# Escambia River Blue Cat 30lbs



## CatHunter (Dec 31, 2008)

Heres A nice blue cat we got from Escambia river We guesstimated it to be over 30lbs he was caught on Spanish sardines under a float at night in around 30 feet of water:thumbsup:


----------



## parrothead (Oct 1, 2007)

Very nice !!!!!!!!!!! Looks like dinner !!!!!!!!!! :thumbsup::thumbsup::thumbsup:

Scott


----------



## jstblsd (Jul 6, 2010)

Oh good Lord! Nice one man!


----------



## Heller High Water (Nov 1, 2007)

Very nice fish.
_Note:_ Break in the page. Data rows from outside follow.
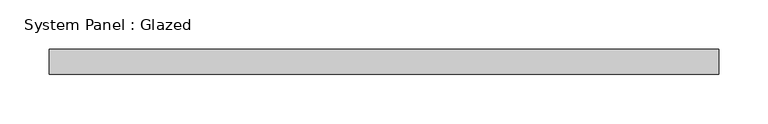
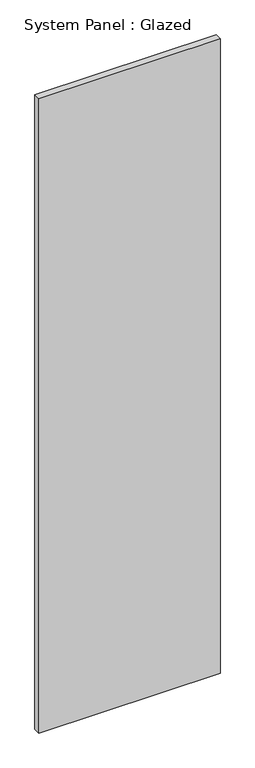
"""IFC4 building model written with IfcOpenShell, lengths in millimetres: plate geometry, System Panel : Glazed."""

from ifc_helpers import new_model, si_unit, origin, origin_with_axes, place, context, project, spatial, polyline, outline, extrude, source, transform, mapped, element, save


def system_panel_glazed_6ccdd28e(model_context):
    return source(origin(), model_context, "Body", "SweptSolid", [
        extrude(outline(polyline([(339.7250022, 19.05), (-339.7250022, 19.05), (-339.7250022, 44.45), (339.7250022, 44.45), (339.7250022, 19.05)])), origin_with_axes(), (0.0, 0.0, 1.0), 2514.6),
    ])


if __name__ == "__main__":
    model = new_model("IFC4")
    model_context = context("Model", 3, world=origin())
    ifc_project = project(units=[si_unit("LENGTHUNIT", "METRE", prefix="MILLI")], contexts=[model_context])
    site = spatial("IfcSite", under=ifc_project)
    building = spatial("IfcBuilding", under=site)
    placement = place(None, origin())
    system_panel_glazed_shape = system_panel_glazed_6ccdd28e(model_context)
    element("IfcPlate", 1, ObjectType="System Panel : Glazed", at=placement, inside=building, context=model_context, shape_type="MappedRepresentation", body=[
        mapped(system_panel_glazed_shape, transform((0.0, 0.0, 0.0), x_axis=(1.0, 0.0, 0.0), y_axis=(0.0, 1.0, 0.0), z_axis=(0.0, 0.0, 1.0))),
    ])
    save(model, "model.ifc")

# Revit data of these elements
# Type "System Panel : Glazed"
#   Construction Type Id = "GSP4R"
#   Analytic Construction = "1/8 in Pilkington single glazing"
#   Visual Light Transmittance = 0.9
#   Solar Heat Gain Coefficient = 0.86
#   Heat Transfer Coefficient (U) = 1.18115 BTU/(h·ft²·°F)
#   Define Thermal Properties by = 1
# Element 1 (IfcPlate, "System Panel : Glazed")
#   Materials on its faces: "Glass"
# Materials
#   "Glass": class "Glass", colour RGB 0 128 192, transparency 0.75, Description = "Soda Lime Glass", Cost = 0
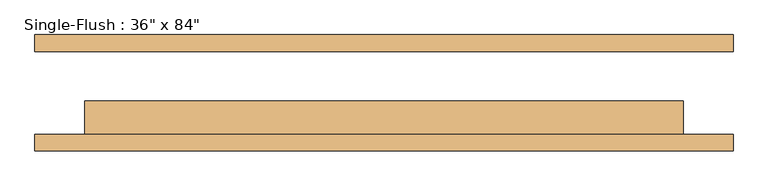
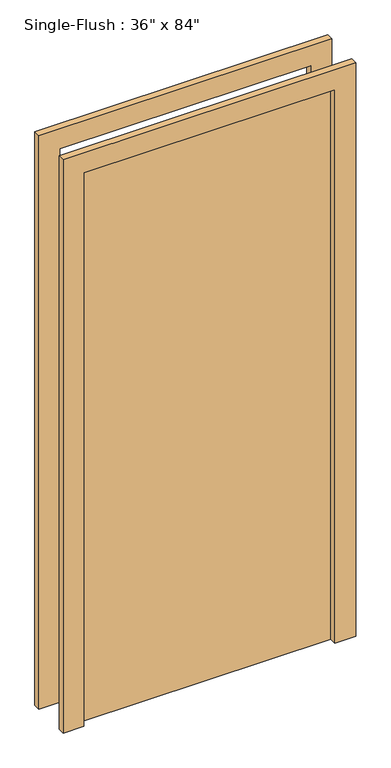
"""IFC4 building model written with IfcOpenShell, lengths in millimetres: door geometry."""

from ifc_helpers import new_model, si_unit, frame, origin, origin_with_axes, place, context, project, spatial, polyline, outline, extrude, source, transform, mapped, element, save


def door_a3eb833a(model_context):
    return source(origin(), model_context, "Body", "SweptSolid", [
        extrude(outline(polyline([(2209.8, -533.4), (0.0, -533.4), (0.0, -457.2), (2133.6, -457.2), (2133.6, 457.2), (0.0, 457.2), (0.0, 533.4), (2209.8, 533.4), (2209.8, -533.4)])), frame((0.0, -88.9, 0.0), z_axis=(0.0, 1.0, 0.0), x_axis=(0.0, 0.0, 1.0)), (0.0, 0.0, 1.0), 25.4),
        extrude(outline(polyline([(2209.8, 533.4), (2209.8, -533.4), (0.0, -533.4), (0.0, -457.2), (2133.6, -457.2), (2133.6, 457.2), (0.0, 457.2), (0.0, 533.4), (2209.8, 533.4)])), frame((0.0, 63.5, 0.0), z_axis=(0.0, 1.0, 0.0), x_axis=(0.0, 0.0, 1.0)), (0.0, 0.0, 1.0), 25.4),
        extrude(outline(polyline([(457.2, -12.7), (457.2, -63.5), (-457.2, -63.5), (-457.2, -12.7), (457.2, -12.7)])), origin_with_axes(), (0.0, 0.0, 1.0), 2133.6),
    ])


if __name__ == "__main__":
    model = new_model("IFC4")
    model_context = context("Model", 3, world=origin())
    ifc_project = project(units=[si_unit("LENGTHUNIT", "METRE", prefix="MILLI")], contexts=[model_context])
    site = spatial("IfcSite", under=ifc_project)
    building = spatial("IfcBuilding", under=site)
    placement = place(None, origin())
    door_shape = door_a3eb833a(model_context)
    element("IfcDoor", 1, ObjectType="Single-Flush : 36\" x 84\"", at=placement, inside=building, context=model_context, shape_type="MappedRepresentation", body=[
        mapped(door_shape, transform((0.0, 0.0, 0.0), x_axis=(1.0, 0.0, 0.0), y_axis=(0.0, 1.0, 0.0), z_axis=(0.0, 0.0, 1.0))),
    ])
    save(model, "model.ifc")

# Revit data of these elements
# Type "Single-Flush : 36\" x 84\""
#   Type Mark = "1"
#   Construction Type Id = "MDOOR"
#   Assembly Code = "C1020"
#   Analytic Construction = "Metal"
#   Thickness = 0' - 2"
#   Heat Transfer Coefficient (U) = 0.651978 BTU/(h·ft²·°F)
#   Height = 7' - 0"
#   Trim Projection Ext = 0' - 1"
#   Trim Projection Int = 0' - 1"
#   Trim Width = 0' - 3"
#   Width = 3' - 0"
#   Define Thermal Properties by = 1
#   Define Thermal Properties by = 1
#   Door Material = Door - Panel
#   Frame Material = Door - Frame
#   Visual Light Transmittance = 0
#   Solar Heat Gain Coefficient = 0
#   Function = (empty or 0)
#   Wall Closure = (empty or 0)
# Element 1 (IfcDoor, "Single-Flush : 36\" x 84\"")
#   Materials on its faces: "Door - Frame", "Door - Panel"
# Materials
#   "Door - Panel": class "Wood", colour RGB 210 159 95, transparency 0, Cost = 0
#   "Door - Frame": colour RGB 118 70 51, transparency 0, Cost = 0

Solid work and thanks for sharing.


----------



## pole squeezer (Oct 29, 2008)

How does a blue of that size taste? Is the meat tough? Muddy? Just curious. Nice Catch.


----------



## CatHunter (Dec 31, 2008)

its absolutely delicious, if you know how to prepare it, you cant just fillet him out and slap it on the fryer or grill you have to thing the fillets out then nugget them out and its awesome, my gran father commercial catfished the Alabama river as well as my great gran father for over 30 years and iv eatin many big catfish as well as saltwater fish and i could compare it to large snapper its very white and flaky and like with all big fish you must trim away the red portions


----------